Au 31 décembre 2009, 1,2 million de personnes touchaient l’Allocation personnalisée d’autonomie (APA) :Les aides représenteraient entre 530 € et 1365 €. Reste à la charge des personnes dépendante 2200 € / mois y compris les aides.

la perte d’autonomie est multi-factorielle, maladie, accident, sarcopénie…On peut prévenir certaines maladies comme le diabète, et on peut retarder de manière significative la dépendance, notamment en intégrant des programmes de musculation et de mobilité. Ces programmes  ont montré depuis de nombreuses années leur efficacité. L’investissement fait  sous forme d’abonnement à un centre de remise en forme est une bonne chose. Aujourd’hui un investissement de 700 à 800 / an dans un centre de remise en forme adapté à cette problématique est une solution pour retarder au maximum cette dépendance. Sachant que les personnes dépendantes doivent souvent quitter leur domicile pour une structure spécialisée. Penser un peu à soi pour un futur meilleur, n’est pas de l’égoïsme, c’est surtout ne pas être à la charge d’autres personnes lorsque que l’on devient plus vieux et moins coûteux pour la collectivité,  pour soi-même et pour ses enfants.

2 réflexions sur “La dépendance coûte cher

  1. Messagepar APS2PF » 06 Janvier 2011, 12:49

    Bonjour Monsieur Sanchez, je me permet d’intervenir sur votre post (tout en vous souhaitant mes meilleurs voeux pour cette nouvelle année) car si je partage votre avis sur les bienfaits de l’activité physique pour prévenir certaines pathologies chez les personnes âgées dépendantes. Je suis au regret de constater qu’il n’en est pas de même pour les pouvoirs publics, et que notre secteur d’activités est bien loin d’arriver en première ligne sur ce sujet.
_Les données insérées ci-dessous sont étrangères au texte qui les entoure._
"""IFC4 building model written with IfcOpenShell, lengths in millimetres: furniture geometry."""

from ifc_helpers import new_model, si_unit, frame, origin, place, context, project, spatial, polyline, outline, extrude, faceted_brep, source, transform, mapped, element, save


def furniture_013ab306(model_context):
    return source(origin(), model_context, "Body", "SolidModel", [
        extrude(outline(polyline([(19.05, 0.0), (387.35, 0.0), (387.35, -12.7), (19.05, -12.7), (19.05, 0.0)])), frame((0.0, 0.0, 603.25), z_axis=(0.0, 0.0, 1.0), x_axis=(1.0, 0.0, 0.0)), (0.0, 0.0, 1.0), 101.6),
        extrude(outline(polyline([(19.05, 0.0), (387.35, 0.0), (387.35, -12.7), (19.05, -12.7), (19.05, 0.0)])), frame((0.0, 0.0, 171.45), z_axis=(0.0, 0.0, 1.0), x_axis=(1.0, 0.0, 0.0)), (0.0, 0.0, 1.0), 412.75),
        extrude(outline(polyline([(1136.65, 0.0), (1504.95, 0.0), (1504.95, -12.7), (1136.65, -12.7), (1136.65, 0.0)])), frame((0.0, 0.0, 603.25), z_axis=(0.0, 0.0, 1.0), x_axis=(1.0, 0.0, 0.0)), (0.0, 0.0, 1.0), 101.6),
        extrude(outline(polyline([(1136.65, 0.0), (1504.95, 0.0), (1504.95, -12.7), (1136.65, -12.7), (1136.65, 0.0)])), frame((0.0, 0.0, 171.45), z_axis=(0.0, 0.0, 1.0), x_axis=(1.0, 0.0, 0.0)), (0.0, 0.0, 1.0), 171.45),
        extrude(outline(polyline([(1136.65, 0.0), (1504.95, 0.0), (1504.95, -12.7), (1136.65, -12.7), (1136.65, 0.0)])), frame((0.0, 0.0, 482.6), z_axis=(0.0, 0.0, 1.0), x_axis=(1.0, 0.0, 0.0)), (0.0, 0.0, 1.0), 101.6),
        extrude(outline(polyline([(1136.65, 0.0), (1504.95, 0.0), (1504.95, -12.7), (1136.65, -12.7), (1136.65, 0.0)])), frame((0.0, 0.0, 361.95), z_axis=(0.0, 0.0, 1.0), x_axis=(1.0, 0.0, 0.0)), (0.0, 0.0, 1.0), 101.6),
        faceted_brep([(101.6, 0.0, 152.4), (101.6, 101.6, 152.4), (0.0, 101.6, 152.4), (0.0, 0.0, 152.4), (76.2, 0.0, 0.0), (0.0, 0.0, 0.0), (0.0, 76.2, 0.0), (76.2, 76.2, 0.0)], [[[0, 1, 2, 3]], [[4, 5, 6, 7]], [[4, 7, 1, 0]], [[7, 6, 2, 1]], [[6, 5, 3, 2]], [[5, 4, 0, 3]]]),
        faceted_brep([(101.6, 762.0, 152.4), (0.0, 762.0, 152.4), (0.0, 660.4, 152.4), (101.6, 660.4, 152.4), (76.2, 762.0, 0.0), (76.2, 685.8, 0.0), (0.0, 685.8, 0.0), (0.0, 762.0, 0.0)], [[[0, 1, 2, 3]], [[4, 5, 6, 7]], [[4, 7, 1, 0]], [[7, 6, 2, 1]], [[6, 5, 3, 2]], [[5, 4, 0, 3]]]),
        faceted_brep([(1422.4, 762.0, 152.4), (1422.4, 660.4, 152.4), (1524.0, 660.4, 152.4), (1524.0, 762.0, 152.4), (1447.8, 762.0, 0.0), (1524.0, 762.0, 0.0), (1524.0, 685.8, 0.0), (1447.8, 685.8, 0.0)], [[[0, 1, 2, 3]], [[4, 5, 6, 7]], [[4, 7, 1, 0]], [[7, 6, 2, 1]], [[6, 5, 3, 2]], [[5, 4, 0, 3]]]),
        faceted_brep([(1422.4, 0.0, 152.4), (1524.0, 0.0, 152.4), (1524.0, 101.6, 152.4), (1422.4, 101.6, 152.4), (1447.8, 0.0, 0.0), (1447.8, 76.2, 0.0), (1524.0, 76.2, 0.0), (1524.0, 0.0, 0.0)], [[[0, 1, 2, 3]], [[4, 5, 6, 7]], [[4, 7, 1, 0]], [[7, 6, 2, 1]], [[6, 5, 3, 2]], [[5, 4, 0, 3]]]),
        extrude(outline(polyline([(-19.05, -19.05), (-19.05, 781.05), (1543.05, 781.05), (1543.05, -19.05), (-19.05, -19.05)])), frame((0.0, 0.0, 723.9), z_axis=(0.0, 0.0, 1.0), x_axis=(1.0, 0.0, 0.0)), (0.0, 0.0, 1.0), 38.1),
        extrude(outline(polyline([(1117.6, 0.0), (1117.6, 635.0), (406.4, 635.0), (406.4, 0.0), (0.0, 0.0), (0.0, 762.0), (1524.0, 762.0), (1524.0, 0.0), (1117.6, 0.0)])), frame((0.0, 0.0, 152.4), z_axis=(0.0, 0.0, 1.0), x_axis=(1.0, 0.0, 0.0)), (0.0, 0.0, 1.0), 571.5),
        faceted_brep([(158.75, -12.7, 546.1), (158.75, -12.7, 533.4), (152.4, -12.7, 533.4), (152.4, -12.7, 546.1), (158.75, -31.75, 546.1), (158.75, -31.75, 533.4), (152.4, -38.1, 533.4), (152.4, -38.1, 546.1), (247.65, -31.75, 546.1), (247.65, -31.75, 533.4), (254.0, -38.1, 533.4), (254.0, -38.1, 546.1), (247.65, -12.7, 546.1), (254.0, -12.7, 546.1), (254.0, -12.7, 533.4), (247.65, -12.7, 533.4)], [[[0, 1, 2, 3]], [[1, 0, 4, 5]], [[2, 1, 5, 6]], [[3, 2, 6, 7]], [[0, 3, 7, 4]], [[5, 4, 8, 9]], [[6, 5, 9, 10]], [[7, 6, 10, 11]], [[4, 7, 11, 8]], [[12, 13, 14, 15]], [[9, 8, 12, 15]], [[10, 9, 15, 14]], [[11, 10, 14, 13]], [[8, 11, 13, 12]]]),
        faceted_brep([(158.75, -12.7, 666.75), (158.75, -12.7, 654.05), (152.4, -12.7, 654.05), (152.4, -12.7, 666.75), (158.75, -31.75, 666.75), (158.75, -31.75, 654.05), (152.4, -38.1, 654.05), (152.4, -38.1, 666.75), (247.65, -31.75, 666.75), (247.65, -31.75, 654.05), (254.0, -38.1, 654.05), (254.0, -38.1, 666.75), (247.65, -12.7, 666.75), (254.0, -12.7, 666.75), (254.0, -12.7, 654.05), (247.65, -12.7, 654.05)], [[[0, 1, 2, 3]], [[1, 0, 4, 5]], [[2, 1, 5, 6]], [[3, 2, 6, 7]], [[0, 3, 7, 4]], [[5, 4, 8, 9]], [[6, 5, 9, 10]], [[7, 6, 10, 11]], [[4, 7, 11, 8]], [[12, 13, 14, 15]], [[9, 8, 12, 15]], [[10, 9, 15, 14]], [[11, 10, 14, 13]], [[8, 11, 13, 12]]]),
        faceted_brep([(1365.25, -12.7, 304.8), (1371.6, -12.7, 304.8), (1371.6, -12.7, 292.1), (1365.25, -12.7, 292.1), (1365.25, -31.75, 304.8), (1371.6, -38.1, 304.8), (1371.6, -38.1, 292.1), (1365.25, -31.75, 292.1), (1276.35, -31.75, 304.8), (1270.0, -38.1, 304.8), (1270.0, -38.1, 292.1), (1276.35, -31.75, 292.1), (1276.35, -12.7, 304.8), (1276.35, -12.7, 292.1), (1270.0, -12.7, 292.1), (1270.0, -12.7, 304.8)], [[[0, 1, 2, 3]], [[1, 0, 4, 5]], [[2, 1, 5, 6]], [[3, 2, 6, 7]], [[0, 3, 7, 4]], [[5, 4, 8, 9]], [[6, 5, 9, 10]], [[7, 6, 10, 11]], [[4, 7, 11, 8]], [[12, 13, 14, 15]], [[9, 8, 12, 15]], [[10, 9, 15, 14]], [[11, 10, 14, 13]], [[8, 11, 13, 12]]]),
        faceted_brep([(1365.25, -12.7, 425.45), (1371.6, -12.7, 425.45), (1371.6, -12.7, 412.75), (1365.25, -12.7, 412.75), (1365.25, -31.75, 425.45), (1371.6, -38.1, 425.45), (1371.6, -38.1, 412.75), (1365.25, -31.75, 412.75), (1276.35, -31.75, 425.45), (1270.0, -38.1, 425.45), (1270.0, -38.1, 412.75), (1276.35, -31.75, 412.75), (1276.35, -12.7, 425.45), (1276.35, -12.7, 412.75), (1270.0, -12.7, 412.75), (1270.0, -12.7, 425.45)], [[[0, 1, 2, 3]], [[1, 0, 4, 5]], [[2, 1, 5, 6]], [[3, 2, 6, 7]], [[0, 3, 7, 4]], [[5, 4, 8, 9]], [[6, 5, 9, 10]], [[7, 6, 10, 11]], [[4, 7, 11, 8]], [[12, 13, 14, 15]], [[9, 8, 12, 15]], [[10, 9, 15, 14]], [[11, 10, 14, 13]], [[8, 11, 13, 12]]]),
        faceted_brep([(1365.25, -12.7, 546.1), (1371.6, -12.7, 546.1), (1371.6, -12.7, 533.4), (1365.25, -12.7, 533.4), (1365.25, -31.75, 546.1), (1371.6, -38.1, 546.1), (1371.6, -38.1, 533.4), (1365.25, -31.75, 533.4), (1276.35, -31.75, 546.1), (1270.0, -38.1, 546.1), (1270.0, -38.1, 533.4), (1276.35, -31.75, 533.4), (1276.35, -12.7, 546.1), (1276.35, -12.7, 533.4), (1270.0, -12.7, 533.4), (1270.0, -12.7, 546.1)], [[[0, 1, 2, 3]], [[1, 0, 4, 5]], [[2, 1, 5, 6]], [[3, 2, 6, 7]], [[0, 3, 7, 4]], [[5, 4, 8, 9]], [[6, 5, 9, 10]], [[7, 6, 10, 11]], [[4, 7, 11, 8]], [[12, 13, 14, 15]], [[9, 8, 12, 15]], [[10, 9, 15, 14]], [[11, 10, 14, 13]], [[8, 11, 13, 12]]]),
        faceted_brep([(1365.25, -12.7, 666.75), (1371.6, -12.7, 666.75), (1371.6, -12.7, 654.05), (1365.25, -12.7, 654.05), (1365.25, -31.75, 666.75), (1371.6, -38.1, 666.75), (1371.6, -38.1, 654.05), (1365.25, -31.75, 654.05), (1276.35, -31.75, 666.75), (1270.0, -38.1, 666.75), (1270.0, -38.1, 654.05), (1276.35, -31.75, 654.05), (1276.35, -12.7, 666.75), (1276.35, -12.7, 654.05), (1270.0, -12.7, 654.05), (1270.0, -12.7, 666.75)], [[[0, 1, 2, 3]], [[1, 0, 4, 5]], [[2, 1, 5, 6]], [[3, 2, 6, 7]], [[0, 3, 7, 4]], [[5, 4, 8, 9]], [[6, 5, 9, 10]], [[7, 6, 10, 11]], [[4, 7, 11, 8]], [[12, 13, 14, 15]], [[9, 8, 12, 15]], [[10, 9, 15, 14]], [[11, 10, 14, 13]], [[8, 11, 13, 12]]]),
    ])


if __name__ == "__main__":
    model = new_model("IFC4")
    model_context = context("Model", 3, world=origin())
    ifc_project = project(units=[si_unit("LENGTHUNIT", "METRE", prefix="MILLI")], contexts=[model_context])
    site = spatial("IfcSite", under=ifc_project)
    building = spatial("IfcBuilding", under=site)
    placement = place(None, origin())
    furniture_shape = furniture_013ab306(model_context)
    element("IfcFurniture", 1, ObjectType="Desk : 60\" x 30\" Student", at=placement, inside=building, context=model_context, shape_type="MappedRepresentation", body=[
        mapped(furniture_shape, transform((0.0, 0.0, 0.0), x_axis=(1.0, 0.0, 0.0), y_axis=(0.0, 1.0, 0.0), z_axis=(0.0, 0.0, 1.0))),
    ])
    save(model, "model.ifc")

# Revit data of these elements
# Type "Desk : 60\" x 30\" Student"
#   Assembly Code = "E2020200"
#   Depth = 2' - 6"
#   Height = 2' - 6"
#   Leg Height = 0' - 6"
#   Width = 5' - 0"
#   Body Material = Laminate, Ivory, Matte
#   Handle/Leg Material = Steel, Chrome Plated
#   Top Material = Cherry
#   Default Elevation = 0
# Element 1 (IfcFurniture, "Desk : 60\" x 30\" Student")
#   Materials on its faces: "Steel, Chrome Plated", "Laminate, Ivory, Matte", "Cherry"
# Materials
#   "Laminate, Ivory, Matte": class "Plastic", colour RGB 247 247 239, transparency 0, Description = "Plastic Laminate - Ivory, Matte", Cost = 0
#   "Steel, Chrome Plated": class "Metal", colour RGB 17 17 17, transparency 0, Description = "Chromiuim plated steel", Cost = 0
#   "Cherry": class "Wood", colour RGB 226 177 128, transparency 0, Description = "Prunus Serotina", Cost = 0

    Sur un rapport de 128 pages destiné à l’assemblée nationale, l’activité physique n’est mentionnée que deux fois et à chaque fois seuls la kinésithérapie et les suivis par des traitements médicaux y sont associés.

    extrait du RAPPORT D’INFORMATION sur la prise en charge des personnes âgées dépendantes:

    La prévention insuffisante de la perte d’autonomie (P.44)

    Par ailleurs, le professeur Françoise Forette (2) rappelait à la mission l’importance de la prévention des états de fragilité des personnes âgées lesquels touchent 7 à 10 % des personnes de plus de soixante ans (mais 25 % des personnes de plus de quatre-vingt-cinq ans) et précèdent bien souvent une perte sévère d’autonomie. Or, bien que leurs symptômes soient bien identifiés (anorexie, perte musculaire, peur de tomber, fatigue et ralentissement de l’activité physique) et qu’ils soient réversibles grâce à des traitements simples et éprouvés (kinésithérapie, traitement de l’ostéoporose…), ces états, encore mal connus des médecins généralistes ne font pas l’objet d’une véritable prévention, ni de véritables traitements.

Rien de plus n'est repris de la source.